In summary, match the RANGE to your spindle gearing for CW, mismatch for CCW.  I use the LOW RANGE all of the time for power tapping.  Turn on the BP (in LOW RANGE), advance the quill until the tap engages, flip the power off to stop the mill, and flip the power back on to HIGH RANGE to retract the tap.

By the way, there are a couple of unique things on my BP.  The previous owner made a bell crank for flipping the power switch.  The knob is mounted by the kick-out mechanism.  Lots more convenient than the high-mounted switch.  The toggle switch mounted just above the boring feed rate knob is the ON/OFF switch for a spindle light.  

Also, my BP is powered by a static phase converter.  The previous owner mounted the converter above the Anilam controller and used a DPDT lamp switch to power up/down the converter.  In use, the mill's normal power switch is left in the HIGH/LOW RANGE and the mill is powered on/off with the toggle switch.  As cheesy as it looks, it works well for me.  I don't understand the electrical side of it, but if I leave the phase converter on and use the normal switch for ON/OFF, the phase converter buzzes with the normal power switch off.  I suspect the relay in the static converter is cycling at 60 Hz.  I've read others having the same condition with their converters.  As usual, more than you wanted to know!

Bruce


----------



## ErichKeane (Mar 23, 2022)

It appears to be a contactor box to me (to be used with a magnetic switch), I don't see anything about 'reverse'.  I would imagine there is a drum switch somewhere (either between this and the motor, or between the source and this box) that changes direction.


----------



## jbobb1 (Mar 23, 2022)

Looks like a FOR/REV contactor set up.
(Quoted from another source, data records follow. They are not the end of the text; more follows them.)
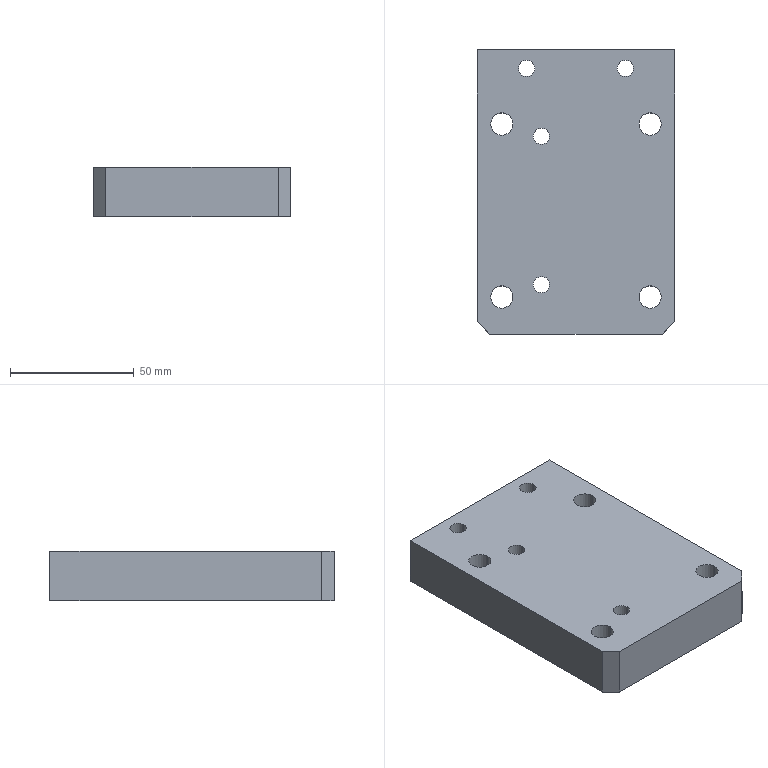Component | SolidWorks | 8TC-A15004-80-02A-2 | 1 solid | 36 faces | box 80 x 115 x 20 mm | volume 174117 mm3 | cylinder 24 | plane 12 | commonest cylinder face diameters 9 x8 11 x8 6.6 x8 | material A3
STEP:
#1=COLOUR_RGB('',0.7922,0.8196,0.9333);
#2=FILL_AREA_STYLE_COLOUR('',#1);
#3=FILL_AREA_STYLE('',(#2));
#4=SURFACE_STYLE_FILL_AREA(#3);
#5=SURFACE_SIDE_STYLE('',(#4));
#6=SURFACE_STYLE_USAGE(.BOTH.,#5);
#7=PRESENTATION_STYLE_ASSIGNMENT((#6));
#8=CARTESIAN_POINT('',(0.2165,-3.642,0.7874));
#9=VERTEX_POINT('',#8);
#10=CARTESIAN_POINT('',(0.5709,-3.642,0.7874));
#11=VERTEX_POINT('',#10);
#12=CARTESIAN_POINT('',(0.3937,-3.642,0.7874));
#13=DIRECTION('',(0.,0.,1.));
#14=DIRECTION('',(1.,0.,0.));
#15=AXIS2_PLACEMENT_3D('',#12,#13,#14);
#16=CIRCLE('',#15,0.1772);
#17=EDGE_CURVE('',#9,#11,#16,.T.);
#18=ORIENTED_EDGE('',*,*,#17,.F.);
#19=CARTESIAN_POINT('',(0.2165,-3.642,1.575));
#20=VERTEX_POINT('',#19);
#21=CARTESIAN_POINT('',(0.2165,-3.642,1.575));
#22=DIRECTION('',(0.,0.,1.));
#23=VECTOR('',#22,39.37);
#24=LINE('',#21,#23);
#25=EDGE_CURVE('',#9,#20,#24,.T.);
#26=ORIENTED_EDGE('',*,*,#25,.T.);
#27=CARTESIAN_POINT('',(0.5709,-3.642,1.575));
#28=VERTEX_POINT('',#27);
#29=CARTESIAN_POINT('',(0.3937,-3.642,1.575));
#30=DIRECTION('',(0.,0.,1.));
#31=DIRECTION('',(1.,0.,0.));
#32=AXIS2_PLACEMENT_3D('',#29,#30,#31);
#33=CIRCLE('',#32,0.1772);
#34=EDGE_CURVE('',#20,#28,#33,.T.);
#35=ORIENTED_EDGE('',*,*,#34,.T.);
#36=CARTESIAN_POINT('',(0.5709,-3.642,1.575));
#37=DIRECTION('',(0.,0.,1.));
#38=VECTOR('',#37,39.37);
#39=LINE('',#36,#38);
#40=EDGE_CURVE('',#11,#28,#39,.T.);
#41=ORIENTED_EDGE('',*,*,#40,.F.);
#42=EDGE_LOOP('',(#18,#26,#35,#41));
#43=FACE_OUTER_BOUND('',#42,.T.);
#44=CARTESIAN_POINT('',(0.3937,-3.642,1.575));
#45=DIRECTION('',(0.,0.,1.));
#46=DIRECTION('',(1.,0.,0.));
#47=AXIS2_PLACEMENT_3D('',#44,#45,#46);
#48=CYLINDRICAL_SURFACE('',#47,0.1772);
#49=ADVANCED_FACE('',(#43),#48,.F.);
#50=CARTESIAN_POINT('',(0.2165,-0.8858,0.7874));
#51=VERTEX_POINT('',#50);
#52=CARTESIAN_POINT('',(0.5709,-0.8858,0.7874));
#53=VERTEX_POINT('',#52);
#54=CARTESIAN_POINT('',(0.3937,-0.8858,0.7874));
#55=DIRECTION('',(0.,0.,1.));
#56=DIRECTION('',(1.,0.,0.));
#57=AXIS2_PLACEMENT_3D('',#54,#55,#56);
#58=CIRCLE('',#57,0.1772);
#59=EDGE_CURVE('',#51,#53,#58,.T.);
#60=ORIENTED_EDGE('',*,*,#59,.F.);
#61=CARTESIAN_POINT('',(0.2165,-0.8858,1.575));
#62=VERTEX_POINT('',#61);
#63=CARTESIAN_POINT('',(0.2165,-0.8858,1.575));
#64=DIRECTION('',(0.,0.,1.));
#65=VECTOR('',#64,39.37);
#66=LINE('',#63,#65);
#67=EDGE_CURVE('',#51,#62,#66,.T.);
#68=ORIENTED_EDGE('',*,*,#67,.T.);
#69=CARTESIAN_POINT('',(0.5709,-0.8858,1.575));
#70=VERTEX_POINT('',#69);
#71=CARTESIAN_POINT('',(0.3937,-0.8858,1.575));
#72=DIRECTION('',(0.,0.,1.));
#73=DIRECTION('',(1.,0.,0.));
#74=AXIS2_PLACEMENT_3D('',#71,#72,#73);
#75=CIRCLE('',#74,0.1772);
#76=EDGE_CURVE('',#62,#70,#75,.T.);
#77=ORIENTED_EDGE('',*,*,#76,.T.);
#78=CARTESIAN_POINT('',(0.5709,-0.8858,1.575));
#79=DIRECTION('',(0.,0.,1.));
#80=VECTOR('',#79,39.37);
#81=LINE('',#78,#80);
#82=EDGE_CURVE('',#53,#70,#81,.T.);
#83=ORIENTED_EDGE('',*,*,#82,.F.);
#84=EDGE_LOOP('',(#60,#68,#77,#83));
#85=FACE_OUTER_BOUND('',#84,.T.);
#86=CARTESIAN_POINT('',(0.3937,-0.8858,1.575));
#87=DIRECTION('',(0.,0.,1.));
#88=DIRECTION('',(1.,0.,0.));
#89=AXIS2_PLACEMENT_3D('',#86,#87,#88);
#90=CYLINDRICAL_SURFACE('',#89,0.1772);
#91=ADVANCED_FACE('',(#85),#90,.F.);
#92=CARTESIAN_POINT('',(2.579,-0.8858,0.7874));
#93=VERTEX_POINT('',#92);
#94=CARTESIAN_POINT('',(2.933,-0.8858,0.7874));
#95=VERTEX_POINT('',#94);
#96=CARTESIAN_POINT('',(2.756,-0.8858,0.7874));
#97=DIRECTION('',(0.,0.,1.));
#98=DIRECTION('',(1.,0.,0.));
#99=AXIS2_PLACEMENT_3D('',#96,#97,#98);
#100=CIRCLE('',#99,0.1772);
#101=EDGE_CURVE('',#93,#95,#100,.T.);
#102=ORIENTED_EDGE('',*,*,#101,.F.);
#103=CARTESIAN_POINT('',(2.579,-0.8858,1.575));
#104=VERTEX_POINT('',#103);
#105=CARTESIAN_POINT('',(2.579,-0.8858,1.575));
#106=DIRECTION('',(0.,0.,1.));
#107=VECTOR('',#106,39.37);
#108=LINE('',#105,#107);
#109=EDGE_CURVE('',#93,#104,#108,.T.);
#110=ORIENTED_EDGE('',*,*,#109,.T.);
#111=CARTESIAN_POINT('',(2.933,-0.8858,1.575));
#112=VERTEX_POINT('',#111);
#113=CARTESIAN_POINT('',(2.756,-0.8858,1.575));
#114=DIRECTION('',(0.,0.,1.));
#115=DIRECTION('',(1.,0.,0.));
#116=AXIS2_PLACEMENT_3D('',#113,#114,#115);
#117=CIRCLE('',#116,0.1772);
#118=EDGE_CURVE('',#104,#112,#117,.T.);
#119=ORIENTED_EDGE('',*,*,#118,.T.);
#120=CARTESIAN_POINT('',(2.933,-0.8858,1.575));
#121=DIRECTION('',(0.,0.,1.));
#122=VECTOR('',#121,39.37);
#123=LINE('',#120,#122);
#124=EDGE_CURVE('',#95,#112,#123,.T.);
#125=ORIENTED_EDGE('',*,*,#124,.F.);
#126=EDGE_LOOP('',(#102,#110,#119,#125));
#127=FACE_OUTER_BOUND('',#126,.T.);
#128=CARTESIAN_POINT('',(2.756,-0.8858,1.575));
#129=DIRECTION('',(0.,0.,1.));
#130=DIRECTION('',(1.,0.,0.));
#131=AXIS2_PLACEMENT_3D('',#128,#129,#130);
#132=CYLINDRICAL_SURFACE('',#131,0.1772);
#133=ADVANCED_FACE('',(#127),#132,.F.);
#134=CARTESIAN_POINT('',(2.579,-3.642,0.7874));
#135=VERTEX_POINT('',#134);
#136=CARTESIAN_POINT('',(2.933,-3.642,0.7874));
#137=VERTEX_POINT('',#136);
#138=CARTESIAN_POINT('',(2.756,-3.642,0.7874));
#139=DIRECTION('',(0.,0.,1.));
#140=DIRECTION('',(1.,0.,0.));
#141=AXIS2_PLACEMENT_3D('',#138,#139,#140);
#142=CIRCLE('',#141,0.1772);
#143=EDGE_CURVE('',#135,#137,#142,.T.);
#144=ORIENTED_EDGE('',*,*,#143,.F.);
#145=CARTESIAN_POINT('',(2.579,-3.642,1.575));
#146=VERTEX_POINT('',#145);
#147=CARTESIAN_POINT('',(2.579,-3.642,1.575));
#148=DIRECTION('',(0.,0.,1.));
#149=VECTOR('',#148,39.37);
#150=LINE('',#147,#149);
#151=EDGE_CURVE('',#135,#146,#150,.T.);
#152=ORIENTED_EDGE('',*,*,#151,.T.);
#153=CARTESIAN_POINT('',(2.933,-3.642,1.575));
#154=VERTEX_POINT('',#153);
#155=CARTESIAN_POINT('',(2.756,-3.642,1.575));
#156=DIRECTION('',(0.,0.,1.));
#157=DIRECTION('',(1.,0.,0.));
#158=AXIS2_PLACEMENT_3D('',#155,#156,#157);
#159=CIRCLE('',#158,0.1772);
#160=EDGE_CURVE('',#146,#154,#159,.T.);
#161=ORIENTED_EDGE('',*,*,#160,.T.);
#162=CARTESIAN_POINT('',(2.933,-3.642,1.575));
#163=DIRECTION('',(0.,0.,1.));
#164=VECTOR('',#163,39.37);
#165=LINE('',#162,#164);
#166=EDGE_CURVE('',#137,#154,#165,.T.);
#167=ORIENTED_EDGE('',*,*,#166,.F.);
#168=EDGE_LOOP('',(#144,#152,#161,#167));
#169=FACE_OUTER_BOUND('',#168,.T.);
#170=CARTESIAN_POINT('',(2.756,-3.642,1.575));
#171=DIRECTION('',(0.,0.,1.));
#172=DIRECTION('',(1.,0.,0.));
#173=AXIS2_PLACEMENT_3D('',#170,#171,#172);
#174=CYLINDRICAL_SURFACE('',#173,0.1772);
#175=ADVANCED_FACE('',(#169),#174,.F.);
#176=CARTESIAN_POINT('',(2.579,0.,1.039));
#177=VERTEX_POINT('',#176);
#178=CARTESIAN_POINT('',(2.146,0.,1.039));
#179=VERTEX_POINT('',#178);
#180=CARTESIAN_POINT('',(2.362,0.,1.039));
#181=DIRECTION('',(0.,0.,-1.));
#182=DIRECTION('',(-1.,0.,0.));
#183=AXIS2_PLACEMENT_3D('',#180,#181,#182);
#184=CIRCLE('',#183,0.2165);
#185=EDGE_CURVE('',#177,#179,#184,.T.);
#186=ORIENTED_EDGE('',*,*,#185,.F.);
#187=CARTESIAN_POINT('',(2.579,0.,0.7874));
#188=VERTEX_POINT('',#187);
#189=CARTESIAN_POINT('',(2.579,0.,0.7874));
#190=DIRECTION('',(0.,0.,-1.));
#191=VECTOR('',#190,39.37);
#192=LINE('',#189,#191);
#193=EDGE_CURVE('',#177,#188,#192,.T.);
#194=ORIENTED_EDGE('',*,*,#193,.T.);
#195=CARTESIAN_POINT('',(2.146,0.,0.7874));
#196=VERTEX_POINT('',#195);
#197=CARTESIAN_POINT('',(2.362,0.,0.7874));
#198=DIRECTION('',(0.,0.,-1.));
#199=DIRECTION('',(-1.,0.,0.));
#200=AXIS2_PLACEMENT_3D('',#197,#198,#199);
#201=CIRCLE('',#200,0.2165);
#202=EDGE_CURVE('',#188,#196,#201,.T.);
#203=ORIENTED_EDGE('',*,*,#202,.T.);
#204=CARTESIAN_POINT('',(2.146,0.,0.7874));
#205=DIRECTION('',(0.,0.,-1.));
#206=VECTOR('',#205,39.37);
#207=LINE('',#204,#206);
#208=EDGE_CURVE('',#179,#196,#207,.T.);
#209=ORIENTED_EDGE('',*,*,#208,.F.);
#210=EDGE_LOOP('',(#186,#194,#203,#209));
#211=FACE_OUTER_BOUND('',#210,.T.);
#212=CARTESIAN_POINT('',(2.362,0.,0.7874));
#213=DIRECTION('',(0.,0.,-1.));
#214=DIRECTION('',(-1.,0.,0.));
#215=AXIS2_PLACEMENT_3D('',#212,#213,#214);
#216=CYLINDRICAL_SURFACE('',#215,0.2165);
#217=ADVANCED_FACE('',(#211),#216,.F.);
#218=CARTESIAN_POINT('',(2.492,0.,1.575));
#219=VERTEX_POINT('',#218);
#220=CARTESIAN_POINT('',(2.232,0.,1.575));
#221=VERTEX_POINT('',#220);
#222=CARTESIAN_POINT('',(2.362,0.,1.575));
#223=DIRECTION('',(0.,0.,-1.));
#224=DIRECTION('',(-1.,0.,0.));
#225=AXIS2_PLACEMENT_3D('',#222,#223,#224);
#226=CIRCLE('',#225,0.1299);
#227=EDGE_CURVE('',#219,#221,#226,.T.);
#228=ORIENTED_EDGE('',*,*,#227,.F.);
#229=CARTESIAN_POINT('',(2.492,0.,1.039));
#230=VERTEX_POINT('',#229);
#231=CARTESIAN_POINT('',(2.492,0.,0.7874));
#232=DIRECTION('',(0.,0.,-1.));
#233=VECTOR('',#232,39.37);
#234=LINE('',#231,#233);
#235=EDGE_CURVE('',#219,#230,#234,.T.);
#236=ORIENTED_EDGE('',*,*,#235,.T.);
#237=CARTESIAN_POINT('',(2.232,0.,1.039));
#238=VERTEX_POINT('',#237);
#239=CARTESIAN_POINT('',(2.362,0.,1.039));
#240=DIRECTION('',(0.,0.,-1.));
#241=DIRECTION('',(-1.,0.,0.));
#242=AXIS2_PLACEMENT_3D('',#239,#240,#241);
#243=CIRCLE('',#242,0.1299);
#244=EDGE_CURVE('',#230,#238,#243,.T.);
#245=ORIENTED_EDGE('',*,*,#244,.T.);
#246=CARTESIAN_POINT('',(2.232,0.,0.7874));
#247=DIRECTION('',(0.,0.,-1.));
#248=VECTOR('',#247,39.37);
#249=LINE('',#246,#248);
#250=EDGE_CURVE('',#221,#238,#249,.T.);
#251=ORIENTED_EDGE('',*,*,#250,.F.);
#252=EDGE_LOOP('',(#228,#236,#245,#251));
#253=FACE_OUTER_BOUND('',#252,.T.);
#254=CARTESIAN_POINT('',(2.362,0.,0.7874));
#255=DIRECTION('',(0.,0.,-1.));
#256=DIRECTION('',(-1.,0.,0.));
#257=AXIS2_PLACEMENT_3D('',#254,#255,#256);
#258=CYLINDRICAL_SURFACE('',#257,0.1299);
#259=ADVANCED_FACE('',(#253),#258,.F.);
#260=CARTESIAN_POINT('',(1.004,0.,1.039));
#261=VERTEX_POINT('',#260);
#262=CARTESIAN_POINT('',(0.5709,0.,1.039));
#263=VERTEX_POINT('',#262);
#264=CARTESIAN_POINT('',(0.7874,0.,1.039));
#265=DIRECTION('',(0.,0.,-1.));
#266=DIRECTION('',(-1.,0.,0.));
#267=AXIS2_PLACEMENT_3D('',#264,#265,#266);
#268=CIRCLE('',#267,0.2165);
#269=EDGE_CURVE('',#261,#263,#268,.T.);
#270=ORIENTED_EDGE('',*,*,#269,.F.);
#271=CARTESIAN_POINT('',(1.004,0.,0.7874));
#272=VERTEX_POINT('',#271);
#273=CARTESIAN_POINT('',(1.004,0.,0.7874));
#274=DIRECTION('',(0.,0.,-1.));
#275=VECTOR('',#274,39.37);
#276=LINE('',#273,#275);
#277=EDGE_CURVE('',#261,#272,#276,.T.);
#278=ORIENTED_EDGE('',*,*,#277,.T.);
#279=CARTESIAN_POINT('',(0.5709,0.,0.7874));
#280=VERTEX_POINT('',#279);
#281=CARTESIAN_POINT('',(0.7874,0.,0.7874));
#282=DIRECTION('',(0.,0.,-1.));
#283=DIRECTION('',(-1.,0.,0.));
#284=AXIS2_PLACEMENT_3D('',#281,#282,#283);
#285=CIRCLE('',#284,0.2165);
#286=EDGE_CURVE('',#272,#280,#285,.T.);
#287=ORIENTED_EDGE('',*,*,#286,.T.);
#288=CARTESIAN_POINT('',(0.5709,0.,0.7874));
#289=DIRECTION('',(0.,0.,-1.));
#290=VECTOR('',#289,39.37);
#291=LINE('',#288,#290);
#292=EDGE_CURVE('',#263,#280,#291,.T.);
#293=ORIENTED_EDGE('',*,*,#292,.F.);
#294=EDGE_LOOP('',(#270,#278,#287,#293));
#295=FACE_OUTER_BOUND('',#294,.T.);
#296=CARTESIAN_POINT('',(0.7874,0.,0.7874));
#297=DIRECTION('',(0.,0.,-1.));
#298=DIRECTION('',(-1.,0.,0.));
#299=AXIS2_PLACEMENT_3D('',#296,#297,#298);
#300=CYLINDRICAL_SURFACE('',#299,0.2165);
#301=ADVANCED_FACE('',(#295),#300,.F.);
#302=CARTESIAN_POINT('',(0.9173,0.,1.575));
#303=VERTEX_POINT('',#302);
#304=CARTESIAN_POINT('',(0.6575,0.,1.575));
#305=VERTEX_POINT('',#304);
#306=CARTESIAN_POINT('',(0.7874,0.,1.575));
#307=DIRECTION('',(0.,0.,-1.));
#308=DIRECTION('',(-1.,0.,0.));
#309=AXIS2_PLACEMENT_3D('',#306,#307,#308);
#310=CIRCLE('',#309,0.1299);
#311=EDGE_CURVE('',#303,#305,#310,.T.);
#312=ORIENTED_EDGE('',*,*,#311,.F.);
#313=CARTESIAN_POINT('',(0.9173,0.,1.039));
#314=VERTEX_POINT('',#313);
#315=CARTESIAN_POINT('',(0.9173,0.,0.7874));
#316=DIRECTION('',(0.,0.,-1.));
#317=VECTOR('',#316,39.37);
#318=LINE('',#315,#317);
#319=EDGE_CURVE('',#303,#314,#318,.T.);
#320=ORIENTED_EDGE('',*,*,#319,.T.);
#321=CARTESIAN_POINT('',(0.6575,0.,1.039));
#322=VERTEX_POINT('',#321);
#323=CARTESIAN_POINT('',(0.7874,0.,1.039));
#324=DIRECTION('',(0.,0.,-1.));
#325=DIRECTION('',(-1.,0.,0.));
#326=AXIS2_PLACEMENT_3D('',#323,#324,#325);
#327=CIRCLE('',#326,0.1299);
#328=EDGE_CURVE('',#314,#322,#327,.T.);
#329=ORIENTED_EDGE('',*,*,#328,.T.);
#330=CARTESIAN_POINT('',(0.6575,0.,0.7874));
#331=DIRECTION('',(0.,0.,-1.));
#332=VECTOR('',#331,39.37);
#333=LINE('',#330,#332);
#334=EDGE_CURVE('',#305,#322,#333,.T.);
#335=ORIENTED_EDGE('',*,*,#334,.F.);
#336=EDGE_LOOP('',(#312,#320,#329,#335));
#337=FACE_OUTER_BOUND('',#336,.T.);
#338=CARTESIAN_POINT('',(0.7874,0.,0.7874));
#339=DIRECTION('',(0.,0.,-1.));
#340=DIRECTION('',(-1.,0.,0.));
#341=AXIS2_PLACEMENT_3D('',#338,#339,#340);
#342=CYLINDRICAL_SURFACE('',#341,0.1299);
#343=ADVANCED_FACE('',(#337),#342,.F.);
#344=CARTESIAN_POINT('',(1.24,-1.083,1.039));
#345=VERTEX_POINT('',#344);
#346=CARTESIAN_POINT('',(0.8071,-1.083,1.039));
#347=VERTEX_POINT('',#346);
#348=CARTESIAN_POINT('',(1.024,-1.083,1.039));
#349=DIRECTION('',(0.,0.,-1.));
#350=DIRECTION('',(-1.,0.,0.));
#351=AXIS2_PLACEMENT_3D('',#348,#349,#350);
#352=CIRCLE('',#351,0.2165);
#353=EDGE_CURVE('',#345,#347,#352,.T.);
#354=ORIENTED_EDGE('',*,*,#353,.F.);
#355=CARTESIAN_POINT('',(1.24,-1.083,0.7874));
#356=VERTEX_POINT('',#355);
#357=CARTESIAN_POINT('',(1.24,-1.083,0.7874));
#358=DIRECTION('',(0.,0.,-1.));
#359=VECTOR('',#358,39.37);
#360=LINE('',#357,#359);
#361=EDGE_CURVE('',#345,#356,#360,.T.);
#362=ORIENTED_EDGE('',*,*,#361,.T.);
#363=CARTESIAN_POINT('',(0.8071,-1.083,0.7874));
#364=VERTEX_POINT('',#363);
#365=CARTESIAN_POINT('',(1.024,-1.083,0.7874));
#366=DIRECTION('',(0.,0.,-1.));
#367=DIRECTION('',(-1.,0.,0.));
#368=AXIS2_PLACEMENT_3D('',#365,#366,#367);
#369=CIRCLE('',#368,0.2165);
#370=EDGE_CURVE('',#356,#364,#369,.T.);
#371=ORIENTED_EDGE('',*,*,#370,.T.);
#372=CARTESIAN_POINT('',(0.8071,-1.083,0.7874));
#373=DIRECTION('',(0.,0.,-1.));
#374=VECTOR('',#373,39.37);
#375=LINE('',#372,#374);
#376=EDGE_CURVE('',#347,#364,#375,.T.);
#377=ORIENTED_EDGE('',*,*,#376,.F.);
#378=EDGE_LOOP('',(#354,#362,#371,#377));
#379=FACE_OUTER_BOUND('',#378,.T.);
#380=CARTESIAN_POINT('',(1.024,-1.083,0.7874));
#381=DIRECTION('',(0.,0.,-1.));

Some Bridgeport mills, and clones like mine have a drum switch. The reversing is done mechanically within the switch verses having individual for/rev contactors (like in your pic's) that are energized electrically by a switch, which I assume is mounted on the left side of the machine.


----------



## ErichKeane (Mar 23, 2022)

jbobb1 said:


> Looks like a FOR/REV contactor set up. Some Bridgeport mills, and clones like mine have a drum switch. The reversing is done mechanically within the switch verses having individual for/rev contactors (like in your pic's) that are energized electrically by a switch, which I assume is mounted on the left side of the machine.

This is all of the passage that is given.